"This is the holy grail of surveillance," said a European official whose country uses the technology on its cities.
What the Financial Times reported from Israel, Iran, and Russia
The Financial Times published reporting showing how artificial intelligence is changing what video surveillance can do, drawing on information from Israel, Iran and Russia. The FT reporting, as summarized in the source, links those country-level examples to a broader technical shift: AIs can now accept natural-language questions about stored or live video and return answers.
Natural-language video queries: a new capability
The central technical change described is straightforward and stark: users can pose natural-language questions about footage to AIs, and the AIs can answer them. That capability expands the ways operators interact with video archives and continuous streams, moving away from terse, pre-programmed queries and toward conversational search.
From a few dozen preset searches to "an almost unlimited range" of enquiries
The change is not merely incremental. Older surveillance tools are described as being "restricted to a few dozen preset searches." By contrast, the new generation of tools enables "an almost unlimited range of enquiries" because they accept language-based search terms. The effect, according to the source material, is to let people hunt through massive volumes of footage using simple descriptive phrases rather than selecting from a fixed menu of object-detection filters.
Concrete examples operators can now ask for
- Two men handing a bag to each other.
- A person who has changed their appearance, or has changed clothes multiple times in a day.
- A vehicle that has recently been painted over, or has driven past the same spot several times in a short period.

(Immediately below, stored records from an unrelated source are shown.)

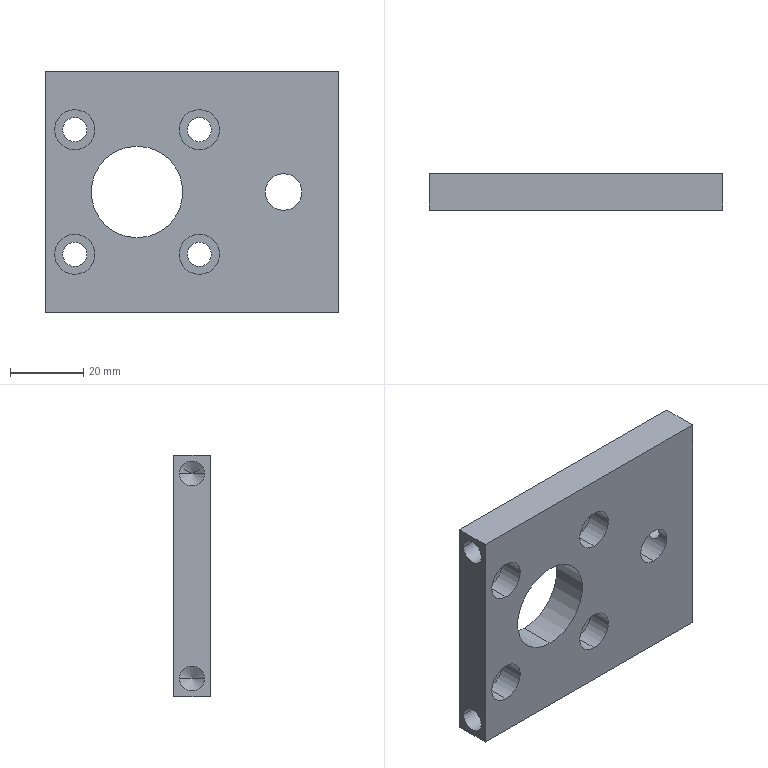Component | SolidWorks | SHYTJ-01-07-06CylinderMountingPlate-1 | 1 solid | 40 faces | box 80 x 10 x 66 mm | volume 42459 mm3 | cylinder 26 | plane 10 | cone 4 | commonest cylinder face diameters 11 x8 6.6 x8 6.8 x4 4.2 x2 10 x2 25 x2
build123d program:
from build123d import *

# Parameters (mm, degrees)
SKETCH1_W                                         = 66
SKETCH1_H                                         = 80
SKETCH1_R                                         = 12.5
BOSS_EXTRUDE1_DEPTH                               = 10
M8_TAPPED_HOLE1_D                                 = 6.8
M8_TAPPED_HOLE1_DEPTH                             = 19.75
M8_TAPPED_HOLE1_TIP                               = 2.043
HOLE_SIZE_ACCORDING_TO_TYPE_OF_SOCKET_D           = 6.6
HOLE_SIZE_ACCORDING_TO_TYPE_OF_SOCKET_DEPTH       = 19.75
HOLE_SIZE_ACCORDING_TO_TYPE_OF_SOCKET_CBORE_D     = 11
HOLE_SIZE_ACCORDING_TO_TYPE_OF_SOCKET_CBORE_DEPTH = 6.8
HOLE_SIZE_ACCORDING_TO_TYPE_OF_SOCKET_TIP         = 1.983
SKETCH7_R                                         = 5
CUT_EXTRUDE1_DEPTH                                = 10
M5_TAPPED_HOLE1_D                                 = 4.2
M5_TAPPED_HOLE1_DEPTH                             = 12.4
M5_TAPPED_HOLE1_TIP                               = 1.262


with BuildPart() as part:
    # Sketch1 → Boss-Extrude1 (new body)
    with BuildSketch(Plane.XY):
        with Locations((0, 15)):
            Rectangle(SKETCH1_W, SKETCH1_H)
        Circle(SKETCH1_R, mode=Mode.SUBTRACT)
    extrude(amount=BOSS_EXTRUDE1_DEPTH)

    # M8 Tapped Hole1
    with Locations(Plane(origin=(0, -25, 0), x_dir=(-1, 0, 0), z_dir=(0, -1, 0))):
        with Locations((28, -5), (-28, -5)):
            Hole(M8_TAPPED_HOLE1_D / 2, depth=M8_TAPPED_HOLE1_DEPTH)
            with Locations((0, 0, -(M8_TAPPED_HOLE1_DEPTH + M8_TAPPED_HOLE1_TIP / 2))):  # 118° drill point
                Cone(0, M8_TAPPED_HOLE1_D / 2, M8_TAPPED_HOLE1_TIP, mode=Mode.SUBTRACT)

    # Hole Size _according to_ type of socket
    with Locations(Plane.XY.offset(10)):
        with Locations((-17, 17), (17, 17), (17, -17), (-17, -17)):
            CounterBoreHole(HOLE_SIZE_ACCORDING_TO_TYPE_OF_SOCKET_D / 2, HOLE_SIZE_ACCORDING_TO_TYPE_OF_SOCKET_CBORE_D / 2, HOLE_SIZE_ACCORDING_TO_TYPE_OF_SOCKET_CBORE_DEPTH, depth=HOLE_SIZE_ACCORDING_TO_TYPE_OF_SOCKET_DEPTH)
            with Locations((0, 0, -(HOLE_SIZE_ACCORDING_TO_TYPE_OF_SOCKET_DEPTH + HOLE_SIZE_ACCORDING_TO_TYPE_OF_SOCKET_TIP / 2))):  # 118° drill point
                Cone(0, HOLE_SIZE_ACCORDING_TO_TYPE_OF_SOCKET_D / 2, HOLE_SIZE_ACCORDING_TO_TYPE_OF_SOCKET_TIP, mode=Mode.SUBTRACT)

    # Sketch7 → Cut-Extrude1 (cut)
    with BuildSketch(Plane(origin=(0, 0, 0), x_dir=(-1, 0, 0), z_dir=(0, 0, -1))):
        with Locations((0, 40)):
            Circle(SKETCH7_R)
    extrude(amount=-CUT_EXTRUDE1_DEPTH, mode=Mode.SUBTRACT)

    # M5 Tapped Hole1
    with Locations(Plane(origin=(0, 55, 0), x_dir=(1, 0, 0), z_dir=(0, 1, 0))):
        with Locations((0, -5)):
            Hole(M5_TAPPED_HOLE1_D / 2, depth=M5_TAPPED_HOLE1_DEPTH)
            with Locations((0, 0, -(M5_TAPPED_HOLE1_DEPTH + M5_TAPPED_HOLE1_TIP / 2))):  # 118° drill point
                Cone(0, M5_TAPPED_HOLE1_D / 2, M5_TAPPED_HOLE1_TIP, mode=Mode.SUBTRACT)


solid = part.part

# Placed as in the assembly
solid = solid.moved(Location((174.884, -71.361, 270), (90, 0, -90)))

Those examples, supplied in the source material, illustrate the shift from searching for static objects to searching for behaviour patterns or events described in plain language.
How intelligence officers and European city officials are using it
The source specifically says intelligence officers can "hunt through massive streams of videos" with simple search terms; that operational profile is presented as an explicit use case for the technology. It also notes that at least one European country is deploying the tools on its cities — the attribution comes from the European official quoted at the top of this piece, who described the technology's adoption in urban contexts.
Why the author frames this as mass spying, revisiting a past argument
The writer of the source material points to a continuity in how technology expands surveillance. He wrote previously that AI enables mass spying "in the way that computers and networks enabled mass surveillance." The Financial Times reporting, and the examples cited above, are presented as evidence that AI has translated those theoretical concerns into practical new searching capabilities: behaviour-focused, language-driven, and scalable across large volumes of video.
The immediate, concrete takeaway is simple: systems that once required operators to select from a limited set of object or face matches now accept plain-English descriptions of behaviours and events, and return relevant clips. A European official called that "the holy grail of surveillance" because it reframes video monitoring from identifying objects to identifying actions — a shift the source describes as having "created a world of new possibilities."
That observation leaves a clear open question anchored in the facts reported here: as cities and intelligence agencies deploy AI tools that answer natural-language questions about footage, how will the uses, controls, and public visibility of those deployments evolve? The source material documents the capability and its uptake; it does not say how oversight or policy will respond.